6. The exchangeable device as claimed in claim 3, wherein either one of the null terminals and the circuit terminals is a resilient clip.

7. The exchangeable device as claimed in claim 4, wherein either one of the null terminals and the circuit terminals is a resilient clip.

8. An electric system, comprising:

an AC main coupled electric device retained in a case and having null terminals and circuit terminals; and

an exchangeable module having terminals respectively corresponding to the null terminals, wherein the exchangeable module comprises:

a connector connected between terminals on a body of the exchangeable module and null terminals on the AC main coupled electric device retained in the electric system; and

a conductive device formed on the body to correspond to the null terminals and circuit terminals on the AC main coupled electric device, the conductive device being separately connected to the terminals on the AC main coupled electric device; whereby the conductive device is used to make or break electric connection or disconnection between the exchangeable module and the AC main coupled electric device.
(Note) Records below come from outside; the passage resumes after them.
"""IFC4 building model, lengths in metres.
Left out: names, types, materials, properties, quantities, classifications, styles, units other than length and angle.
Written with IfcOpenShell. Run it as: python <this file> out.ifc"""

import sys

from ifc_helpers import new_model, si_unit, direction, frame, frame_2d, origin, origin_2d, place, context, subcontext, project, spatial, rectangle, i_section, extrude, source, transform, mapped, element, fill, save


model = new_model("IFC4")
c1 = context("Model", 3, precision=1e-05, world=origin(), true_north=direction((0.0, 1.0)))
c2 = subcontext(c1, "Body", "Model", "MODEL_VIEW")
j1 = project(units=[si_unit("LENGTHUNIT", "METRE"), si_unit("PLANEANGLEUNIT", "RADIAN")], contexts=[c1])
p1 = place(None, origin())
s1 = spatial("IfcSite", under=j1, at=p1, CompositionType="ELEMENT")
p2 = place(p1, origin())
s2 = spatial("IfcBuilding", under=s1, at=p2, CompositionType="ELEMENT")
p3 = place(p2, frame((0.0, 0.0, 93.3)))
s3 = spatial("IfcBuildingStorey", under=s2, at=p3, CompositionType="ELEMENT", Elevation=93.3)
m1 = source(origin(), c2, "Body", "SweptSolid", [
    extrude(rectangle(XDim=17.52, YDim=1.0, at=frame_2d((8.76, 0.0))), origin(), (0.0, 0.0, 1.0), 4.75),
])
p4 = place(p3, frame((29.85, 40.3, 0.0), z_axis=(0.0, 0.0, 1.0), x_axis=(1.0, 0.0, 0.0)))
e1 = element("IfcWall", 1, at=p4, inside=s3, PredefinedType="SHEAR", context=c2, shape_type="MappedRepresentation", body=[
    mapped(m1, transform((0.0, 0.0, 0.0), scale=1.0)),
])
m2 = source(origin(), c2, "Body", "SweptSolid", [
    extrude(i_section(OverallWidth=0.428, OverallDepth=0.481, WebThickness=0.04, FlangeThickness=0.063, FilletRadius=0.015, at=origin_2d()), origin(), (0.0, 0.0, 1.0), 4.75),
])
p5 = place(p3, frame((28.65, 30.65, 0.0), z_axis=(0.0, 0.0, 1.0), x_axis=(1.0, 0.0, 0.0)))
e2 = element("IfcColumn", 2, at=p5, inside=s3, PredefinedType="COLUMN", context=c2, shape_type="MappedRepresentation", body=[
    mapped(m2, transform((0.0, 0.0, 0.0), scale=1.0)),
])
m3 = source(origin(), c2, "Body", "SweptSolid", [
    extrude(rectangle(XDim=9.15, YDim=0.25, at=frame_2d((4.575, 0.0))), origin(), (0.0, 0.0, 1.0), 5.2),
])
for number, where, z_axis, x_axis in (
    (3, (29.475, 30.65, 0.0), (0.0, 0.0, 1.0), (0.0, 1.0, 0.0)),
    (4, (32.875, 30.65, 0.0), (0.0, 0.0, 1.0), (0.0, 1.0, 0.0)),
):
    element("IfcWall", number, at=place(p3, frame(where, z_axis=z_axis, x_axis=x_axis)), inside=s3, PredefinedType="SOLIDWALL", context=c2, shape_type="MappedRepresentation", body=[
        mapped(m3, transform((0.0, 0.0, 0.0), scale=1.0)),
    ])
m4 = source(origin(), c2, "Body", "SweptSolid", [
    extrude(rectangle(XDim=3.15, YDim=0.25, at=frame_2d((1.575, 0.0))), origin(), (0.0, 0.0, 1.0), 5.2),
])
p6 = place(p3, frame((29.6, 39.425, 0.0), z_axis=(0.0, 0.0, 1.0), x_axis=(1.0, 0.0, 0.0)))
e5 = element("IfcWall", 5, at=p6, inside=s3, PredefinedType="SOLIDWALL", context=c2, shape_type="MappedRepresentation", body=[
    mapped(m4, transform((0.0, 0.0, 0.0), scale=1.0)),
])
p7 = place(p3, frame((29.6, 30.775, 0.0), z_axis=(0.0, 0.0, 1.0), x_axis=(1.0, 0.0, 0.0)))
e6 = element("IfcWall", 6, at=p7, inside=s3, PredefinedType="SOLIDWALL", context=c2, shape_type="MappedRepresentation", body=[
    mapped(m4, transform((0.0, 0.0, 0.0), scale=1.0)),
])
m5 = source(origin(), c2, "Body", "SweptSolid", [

9. The electric system as claimed in claim 8, wherein the null terminals and the circuit terminal are alternatively formed on the AC main coupled electric device, and the conductive device comprises:

an insulating body; and

multiple conductive switch plates respectively mounted on the insulating body, wherein each conductive switch plate corresponds to a pair of adjacent null and circuit terminals and electrically connects the pair of adjacent null and the circuit terminals.

10. The electric system as claimed in claim 9, wherein the insulating body is L-shaped having a long side and a short side where the multiple conductive switch plates are mounted.

11. The electric system as claimed in claim 9, wherein a width of one conductive switch plate is larger than a distance the two adjacent null and circuit terminals in a pair.

12. The electric system as claimed in claim 9, wherein either one of the null terminals and the circuit terminals is a resilient clip.

13. The electric system as claimed in claim 10, wherein either one of the null terminals and the circuit terminals is a resilient clip.

14. The power source connector as claimed in claim 11, wherein either one of the null terminals and the circuit terminals is a resilient clip.

15. An uninterrupted power supply system, comprising:

an AC main coupled electric device retained in a case and having null terminals and circuit terminals; and

a battery module having terminals respectively corresponding to the null terminals, wherein the exchangeable module comprises:

a connector connected between terminals on a battery of the battery module and null terminals on the main coupled electric device retained in the electric system; and

a conductive device formed on the battery to correspond to the null terminals and circuit terminals on the AC main coupled electric device, the conductive device being separately connected to the terminals on the AC main coupled electric device; whereby the conductive device is used to make or break electric connection or disconnection between the battery module and the AC main coupled electric device.

16. The electric system as claimed in claim 15, wherein the null terminals and the circuit terminal are alternatively formed on the AC main coupled electric device, and the conductive device comprises:

an insulating body; and

multiple conductive switch plates respectively mounted on the insulating body, wherein each conductive switch plate corresponds to a pair of adjacent null and circuit terminals and electrically connects the pair of adjacent null and the circuit terminals.

17. The electric system as claimed in claim 16, wherein the insulating body is L-shaped having a long side and a short side where the multiple conductive switch plates are mounted.

18. The electric system as claimed in claim 16, wherein a width of one conductive switch plate is larger than a distance the two adjacent null and circuit terminals in a pair.

19. The electric system as claimed in claim 16, wherein either one of the null terminals and the circuit terminals is a resilient clip.

20. The electric system as claimed in claim 17, wherein either one of the null terminals and the circuit terminals is a resilient clip.